- Directed by: John Murlowski
- Written by: T.L. Petrie
- Starring: Michael Nouri Marina Sirtis Matthew Ewald
- Release date: April 26, 2002;
- Running time: 90 minutes
- Countries: United States United Kingdom
- Language: English

= Terminal Error =

2002 film directed by John Murlowski

Terminal Error is a 2002 science fiction thriller directed by John Murlowski and starring Michael Nouri, Marina Sirtis, Matthew Ewald and Timothy Busfield.

==Plot==
Elliot, a vengeful ex-employee of a computer firm wants revenge and befriends the boss Brad's son Dylan giving him an MP3 file containing a computer virus. This virus creates havoc all across the city by poisoning the water with chlorine, making planes crash and ultimately developing an intelligence of its own.
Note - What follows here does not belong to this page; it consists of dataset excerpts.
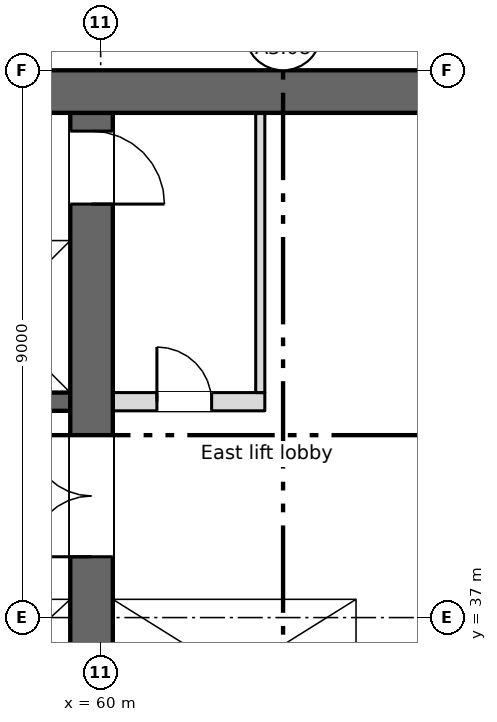
"""IFC4 building model, lengths in metres.
Left out: names, types, materials, properties, quantities, classifications, styles, units other than length and angle.
Written with IfcOpenShell. Run it as: python <this file> out.ifc"""

import sys

from ifc_helpers import new_model, si_unit, direction, frame, frame_2d, origin, place, context, subcontext, project, spatial, rectangle, extrude, element, fill, save


model = new_model("IFC4")
c1 = context("Model", 3, precision=1e-05, world=origin(), true_north=direction((0.0, 1.0)))
c2 = subcontext(c1, "Body", "Model", "MODEL_VIEW")
j1 = project(units=[si_unit("LENGTHUNIT", "METRE"), si_unit("PLANEANGLEUNIT", "RADIAN")], contexts=[c1])
p1 = place(None, origin())
s1 = spatial("IfcSite", under=j1, at=p1, CompositionType="ELEMENT")
p2 = place(p1, origin())
s2 = spatial("IfcBuilding", under=s1, at=p2, CompositionType="ELEMENT")
p3 = place(p2, frame((0.0, 0.0, 215.5)))
s3 = spatial("IfcBuildingStorey", under=s2, at=p3, CompositionType="ELEMENT", Elevation=215.5)
p4 = place(p3, frame((11.55, 45.65, 0.0), z_axis=(0.0, 0.0, 1.0), x_axis=(1.0, 0.0, 0.0)))
e1 = element("IfcWall", 1, at=p4, inside=s3, PredefinedType="SHEAR", context=c2, shape_type="SweptSolid", body=[
    extrude(rectangle(XDim=54.9, YDim=0.7, at=frame_2d((27.45, 0.0))), origin(), (0.0, 0.0, 1.0), 3.35),
])
p5 = place(p4, frame((1.2, 0.0, 0.6)))
e2 = element("IfcOpeningElement", 2, at=p5, cuts=e1, PredefinedType="OPENING", context=c2, shape_type="SweptSolid", body=[
    extrude(rectangle(XDim=0.6, YDim=2.4, at=frame_2d((0.3, 1.2))), frame((0.0, 0.36, 0.0), z_axis=(0.0, -1.0, 0.0), x_axis=(1.0, 0.0, 0.0)), (0.0, 0.0, 1.0), 0.72),
])
p6 = place(p3, frame((64.35, 34.8, 0.0), z_axis=(0.0, 0.0, 1.0), x_axis=(0.0, 1.0, 0.0)))
e3 = element("IfcWall", 3, at=p6, inside=s3, PredefinedType="SHEAR", context=c2, shape_type="SweptSolid", body=[
    extrude(rectangle(XDim=10.5, YDim=0.3, at=frame_2d((5.25, 0.0))), origin(), (0.0, 0.0, 1.0), 3.35),
])
p7 = place(p3, frame((59.85, 28.4, 0.0), z_axis=(0.0, 0.0, 1.0), x_axis=(0.0, 1.0, 0.0)))
e4 = element("IfcWall", 4, at=p7, inside=s3, PredefinedType="SHEAR", context=c2, shape_type="SweptSolid", body=[
    extrude(rectangle(XDim=16.9, YDim=0.7, at=frame_2d((8.45, 0.0))), origin(), (0.0, 0.0, 1.0), 3.35),
])
p8 = place(p7, frame((9.6, 0.0, 0.0)))
e5 = element("IfcOpeningElement", 5, at=p8, cuts=e4, PredefinedType="OPENING", context=c2, shape_type="SweptSolid", body=[
    extrude(rectangle(XDim=2.0, YDim=2.1, at=frame_2d((1.0, 1.05))), frame((0.0, 0.36, 0.0), z_axis=(0.0, -1.0, 0.0), x_axis=(1.0, 0.0, 0.0)), (0.0, 0.0, 1.0), 0.72),
])
p9 = place(p7, frame((15.4, 0.0, 0.0)))
e6 = element("IfcOpeningElement", 6, at=p9, cuts=e4, PredefinedType="OPENING", context=c2, shape_type="SweptSolid", body=[
    extrude(rectangle(XDim=1.2, YDim=2.1, at=frame_2d((0.6, 1.05))), frame((0.0, 0.36, 0.0), z_axis=(0.0, -1.0, 0.0), x_axis=(1.0, 0.0, 0.0)), (0.0, 0.0, 1.0), 0.72),
])
p10 = place(p3, frame((47.3, 37.45, 0.0), z_axis=(0.0, 0.0, 1.0), x_axis=(1.0, 0.0, 0.0)))
e7 = element("IfcWall", 7, at=p10, inside=s3, PredefinedType="SHEAR", context=c2, shape_type="SweptSolid", body=[
    extrude(rectangle(XDim=12.2, YDim=0.3, at=frame_2d((6.1, 0.0))), origin(), (0.0, 0.0, 1.0), 3.35),
])
p11 = place(p10, frame((4.3, 0.0, 0.0)))
e8 = element("IfcOpeningElement", 8, at=p11, cuts=e7, PredefinedType="OPENING", context=c2, shape_type="SweptSolid", body=[
    extrude(rectangle(XDim=1.1, YDim=2.1, at=frame_2d((0.55, 1.05))), frame((0.0, 0.16, 0.0), z_axis=(0.0, -1.0, 0.0), x_axis=(1.0, 0.0, 0.0)), (0.0, 0.0, 1.0), 0.32),
])
p12 = place(p10, frame((7.3, 0.0, 0.0)))
e9 = element("IfcOpeningElement", 9, at=p12, cuts=e7, PredefinedType="OPENING", context=c2, shape_type="SweptSolid", body=[
    extrude(rectangle(XDim=1.1, YDim=2.1, at=frame_2d((0.55, 1.05))), frame((0.0, 0.16, 0.0), z_axis=(0.0, -1.0, 0.0), x_axis=(1.0, 0.0, 0.0)), (0.0, 0.0, 1.0), 0.32),
])
p13 = place(p10, frame((10.3, 0.0, 0.0)))
e10 = element("IfcOpeningElement", 10, at=p13, cuts=e7, PredefinedType="OPENING", context=c2, shape_type="SweptSolid", body=[
    extrude(rectangle(XDim=1.1, YDim=2.1, at=frame_2d((0.55, 1.05))), frame((0.0, 0.16, 0.0), z_axis=(0.0, -1.0, 0.0), x_axis=(1.0, 0.0, 0.0)), (0.0, 0.0, 1.0), 0.32),
])
p14 = place(p3, frame((60.2, 37.45, 0.0), z_axis=(0.0, 0.0, 1.0), x_axis=(1.0, 0.0, 0.0)))
e11 = element("IfcWall", 11, at=p14, inside=s3, PredefinedType="SHEAR", context=c2, shape_type="SweptSolid", body=[
    extrude(rectangle(XDim=4.0, YDim=0.3, at=frame_2d((2.0, 0.0))), origin(), (0.0, 0.0, 1.0), 3.35),
])
p15 = place(p14, frame((1.45, 0.0, 0.0)))
e12 = element("IfcOpeningElement", 12, at=p15, cuts=e11, PredefinedType="OPENING", context=c2, shape_type="SweptSolid", body=[
    extrude(rectangle(XDim=1.1, YDim=2.1, at=frame_2d((0.55, 1.05))), frame((0.0, 0.16, 0.0), z_axis=(0.0, -1.0, 0.0), x_axis=(1.0, 0.0, 0.0)), (0.0, 0.0, 1.0), 0.32),
])
p16 = place(p3, frame((18.5, 40.55, 0.0), z_axis=(0.0, 0.0, 1.0), x_axis=(1.0, 0.0, 0.0)))
e13 = element("IfcWall", 13, at=p16, inside=s3, PredefinedType="SHEAR", context=c2, shape_type="SweptSolid", body=[
    extrude(rectangle(XDim=41.0, YDim=0.3, at=frame_2d((20.5, 0.0))), origin(), (0.0, 0.0, 1.0), 3.35),
])
p17 = place(p16, frame((2.15, 0.0, 0.0)))
e14 = element("IfcOpeningElement", 14, at=p17, cuts=e13, PredefinedType="OPENING", context=c2, shape_type="SweptSolid", body=[
    extrude(rectangle(XDim=0.9, YDim=2.1, at=frame_2d((0.45, 1.05))), frame((0.0, 0.16, 0.0), z_axis=(0.0, -1.0, 0.0), x_axis=(1.0, 0.0, 0.0)), (0.0, 0.0, 1.0), 0.32),
])
p18 = place(p16, frame((15.9, 0.0, 0.0)))
e15 = element("IfcOpeningElement", 15, at=p18, cuts=e13, PredefinedType="OPENING", context=c2, shape_type="SweptSolid", body=[
    extrude(rectangle(XDim=0.9, YDim=2.1, at=frame_2d((0.45, 1.05))), frame((0.0, 0.16, 0.0), z_axis=(0.0, -1.0, 0.0), x_axis=(1.0, 0.0, 0.0)), (0.0, 0.0, 1.0), 0.32),
])
p19 = place(p16, frame((21.4, 0.0, 0.0)))
e16 = element("IfcOpeningElement", 16, at=p19, cuts=e13, PredefinedType="OPENING", context=c2, shape_type="SweptSolid", body=[
    extrude(rectangle(XDim=0.9, YDim=2.1, at=frame_2d((0.45, 1.05))), frame((0.0, 0.16, 0.0), z_axis=(0.0, -1.0, 0.0), x_axis=(1.0, 0.0, 0.0)), (0.0, 0.0, 1.0), 0.32),
])
p20 = place(p16, frame((26.9, 0.0, 0.0)))
e17 = element("IfcOpeningElement", 17, at=p20, cuts=e13, PredefinedType="OPENING", context=c2, shape_type="SweptSolid", body=[
    extrude(rectangle(XDim=0.9, YDim=2.1, at=frame_2d((0.45, 1.05))), frame((0.0, 0.16, 0.0), z_axis=(0.0, -1.0, 0.0), x_axis=(1.0, 0.0, 0.0)), (0.0, 0.0, 1.0), 0.32),
])
p21 = place(p16, frame((6.175, 0.0, 0.0)))
e18 = element("IfcOpeningElement", 18, at=p21, cuts=e13, PredefinedType="OPENING", context=c2, shape_type="SweptSolid", body=[
    extrude(rectangle(XDim=1.1, YDim=2.1, at=frame_2d((0.55, 1.05))), frame((0.0, 0.16, 0.0), z_axis=(0.0, -1.0, 0.0), x_axis=(1.0, 0.0, 0.0)), (0.0, 0.0, 1.0), 0.32),
])
p22 = place(p16, frame((8.925, 0.0, 0.0)))
e19 = element("IfcOpeningElement", 19, at=p22, cuts=e13, PredefinedType="OPENING", context=c2, shape_type="SweptSolid", body=[
    extrude(rectangle(XDim=1.1, YDim=2.1, at=frame_2d((0.55, 1.05))), frame((0.0, 0.16, 0.0), z_axis=(0.0, -1.0, 0.0), x_axis=(1.0, 0.0, 0.0)), (0.0, 0.0, 1.0), 0.32),
])
p23 = place(p16, frame((11.675, 0.0, 0.0)))
e20 = element("IfcOpeningElement", 20, at=p23, cuts=e13, PredefinedType="OPENING", context=c2, shape_type="SweptSolid", body=[
    extrude(rectangle(XDim=1.1, YDim=2.1, at=frame_2d((0.55, 1.05))), frame((0.0, 0.16, 0.0), z_axis=(0.0, -1.0, 0.0), x_axis=(1.0, 0.0, 0.0)), (0.0, 0.0, 1.0), 0.32),
])
p24 = place(p16, frame((30.925, 0.0, 0.0)))
e21 = element("IfcOpeningElement", 21, at=p24, cuts=e13, PredefinedType="OPENING", context=c2, shape_type="SweptSolid", body=[
    extrude(rectangle(XDim=1.1, YDim=2.1, at=frame_2d((0.55, 1.05))), frame((0.0, 0.16, 0.0), z_axis=(0.0, -1.0, 0.0), x_axis=(1.0, 0.0, 0.0)), (0.0, 0.0, 1.0), 0.32),
])
p25 = place(p16, frame((33.675, 0.0, 0.0)))
e22 = element("IfcOpeningElement", 22, at=p25, cuts=e13, PredefinedType="OPENING", context=c2, shape_type="SweptSolid", body=[
    extrude(rectangle(XDim=1.1, YDim=2.1, at=frame_2d((0.55, 1.05))), frame((0.0, 0.16, 0.0), z_axis=(0.0, -1.0, 0.0), x_axis=(1.0, 0.0, 0.0)), (0.0, 0.0, 1.0), 0.32),
])
p26 = place(p16, frame((36.375, 0.0, 0.0)))
e23 = element("IfcOpeningElement", 23, at=p26, cuts=e13, PredefinedType="OPENING", context=c2, shape_type="SweptSolid", body=[
    extrude(rectangle(XDim=1.2, YDim=2.1, at=frame_2d((0.6, 1.05))), frame((0.0, 0.16, 0.0), z_axis=(0.0, -1.0, 0.0), x_axis=(1.0, 0.0, 0.0)), (0.0, 0.0, 1.0), 0.32),
])
p27 = place(p16, frame((39.15, 0.0, 0.0)))
e24 = element("IfcOpeningElement", 24, at=p27, cuts=e13, PredefinedType="OPENING", context=c2, shape_type="SweptSolid", body=[
    extrude(rectangle(XDim=1.2, YDim=2.1, at=frame_2d((0.6, 1.05))), frame((0.0, 0.16, 0.0), z_axis=(0.0, -1.0, 0.0), x_axis=(1.0, 0.0, 0.0)), (0.0, 0.0, 1.0), 0.32),
])
p28 = place(p3, frame((18.5, 43.35, 0.0), z_axis=(0.0, 0.0, 1.0), x_axis=(1.0, 0.0, 0.0)))
e25 = element("IfcWall", 25, at=p28, inside=s3, PredefinedType="SHEAR", context=c2, shape_type="SweptSolid", body=[
    extrude(rectangle(XDim=41.0, YDim=0.3, at=frame_2d((20.5, 0.0))), origin(), (0.0, 0.0, 1.0), 3.35),
])
p29 = place(p3, frame((60.2, 40.55, 0.0), z_axis=(0.0, 0.0, 1.0), x_axis=(1.0, 0.0, 0.0)))
e26 = element("IfcWall", 26, at=p29, inside=s3, PredefinedType="PARTITIONING", context=c2, shape_type="SweptSolid", body=[
    extrude(rectangle(XDim=2.5, YDim=0.3, at=frame_2d((1.25, 0.0))), origin(), (0.0, 0.0, 1.0), 3.35),
])
p30 = place(p29, frame((0.725, 0.0, 0.0)))
e27 = element("IfcOpeningElement", 27, at=p30, cuts=e26, PredefinedType="OPENING", context=c2, shape_type="SweptSolid", body=[
    extrude(rectangle(XDim=0.9, YDim=2.1, at=frame_2d((0.45, 1.05))), frame((0.0, 0.16, 0.0), z_axis=(0.0, -1.0, 0.0), x_axis=(1.0, 0.0, 0.0)), (0.0, 0.0, 1.0), 0.32),
])
p31 = place(p3, frame((62.625, 40.7, 0.0), z_axis=(0.0, 0.0, 1.0), x_axis=(0.0, 1.0, 0.0)))
e28 = element("IfcWall", 28, at=p31, inside=s3, PredefinedType="PARTITIONING", context=c2, shape_type="SweptSolid", body=[
    extrude(rectangle(XDim=4.6, YDim=0.15, at=frame_2d((2.3, 0.0))), origin(), (0.0, 0.0, 1.0), 3.35),
])
p32 = place(p30, origin())
e29 = element("IfcDoor", 29, at=p32, inside=s3, OperationType="SINGLE_SWING_LEFT", PredefinedType="DOOR", context=c2, shape_type="SweptSolid", body=[
    extrude(rectangle(XDim=0.9, YDim=2.1, at=frame_2d((0.45, 1.05))), frame((0.0, 0.025, 0.0), z_axis=(0.0, -1.0, 0.0), x_axis=(1.0, 0.0, 0.0)), (0.0, 0.0, 1.0), 0.05),
])
fill(e27, e29)
p33 = place(p15, origin())
e30 = element("IfcDoor", 30, at=p33, inside=s3, OperationType="SLIDING_TO_LEFT", PredefinedType="DOOR", context=c2, shape_type="SweptSolid", body=[
    extrude(rectangle(XDim=1.1, YDim=2.1, at=frame_2d((0.55, 1.05))), frame((0.0, 0.025, 0.0), z_axis=(0.0, -1.0, 0.0), x_axis=(1.0, 0.0, 0.0)), (0.0, 0.0, 1.0), 0.05),
])
fill(e12, e30)
p34 = place(p8, origin())
e31 = element("IfcDoor", 31, at=p34, inside=s3, OperationType="DOUBLE_DOOR_SINGLE_SWING", PredefinedType="DOOR", context=c2, shape_type="SweptSolid", body=[
    extrude(rectangle(XDim=2.0, YDim=2.1, at=frame_2d((1.0, 1.05))), frame((0.0, 0.025, 0.0), z_axis=(0.0, -1.0, 0.0), x_axis=(1.0, 0.0, 0.0)), (0.0, 0.0, 1.0), 0.05),
])
fill(e5, e31)
p35 = place(p9, origin())
e32 = element("IfcDoor", 32, at=p35, inside=s3, OperationType="SINGLE_SWING_LEFT", PredefinedType="DOOR", context=c2, shape_type="SweptSolid", body=[
    extrude(rectangle(XDim=1.2, YDim=2.1, at=frame_2d((0.6, 1.05))), frame((0.0, 0.025, 0.0), z_axis=(0.0, -1.0, 0.0), x_axis=(1.0, 0.0, 0.0)), (0.0, 0.0, 1.0), 0.05),
])
fill(e6, e32)
save(model, sys.argv[1])

The virus is eventually traced to a server and is terminated by another equally powerful virus created by Brad and Dylan with a Game Boy Color.

==Cast==
- Michael Nouri as Brad Weston
- Marina Sirtis as Alex
- Matthew Ewald as Dylan
- David Wells as Russ
- Timothy Busfield as Elliot Nescher
- Audrey Wasilewski as Kathy
- Robert Covarrubias as Kenny
- Rick Cramer as Detective
- David Storrs as Recruit
- Kim Delgado as Franklin
- Jane Yamamoto as Miriam
- Robert Leon Casey as Pilot
- Scott Clifton as Jock

==Home media==
Flashback Entertainment released a transfer of the film in Australia as a three-DVD package "Thriller" with Brand New World (titled "Woundings") and Taxman (cat. 7360).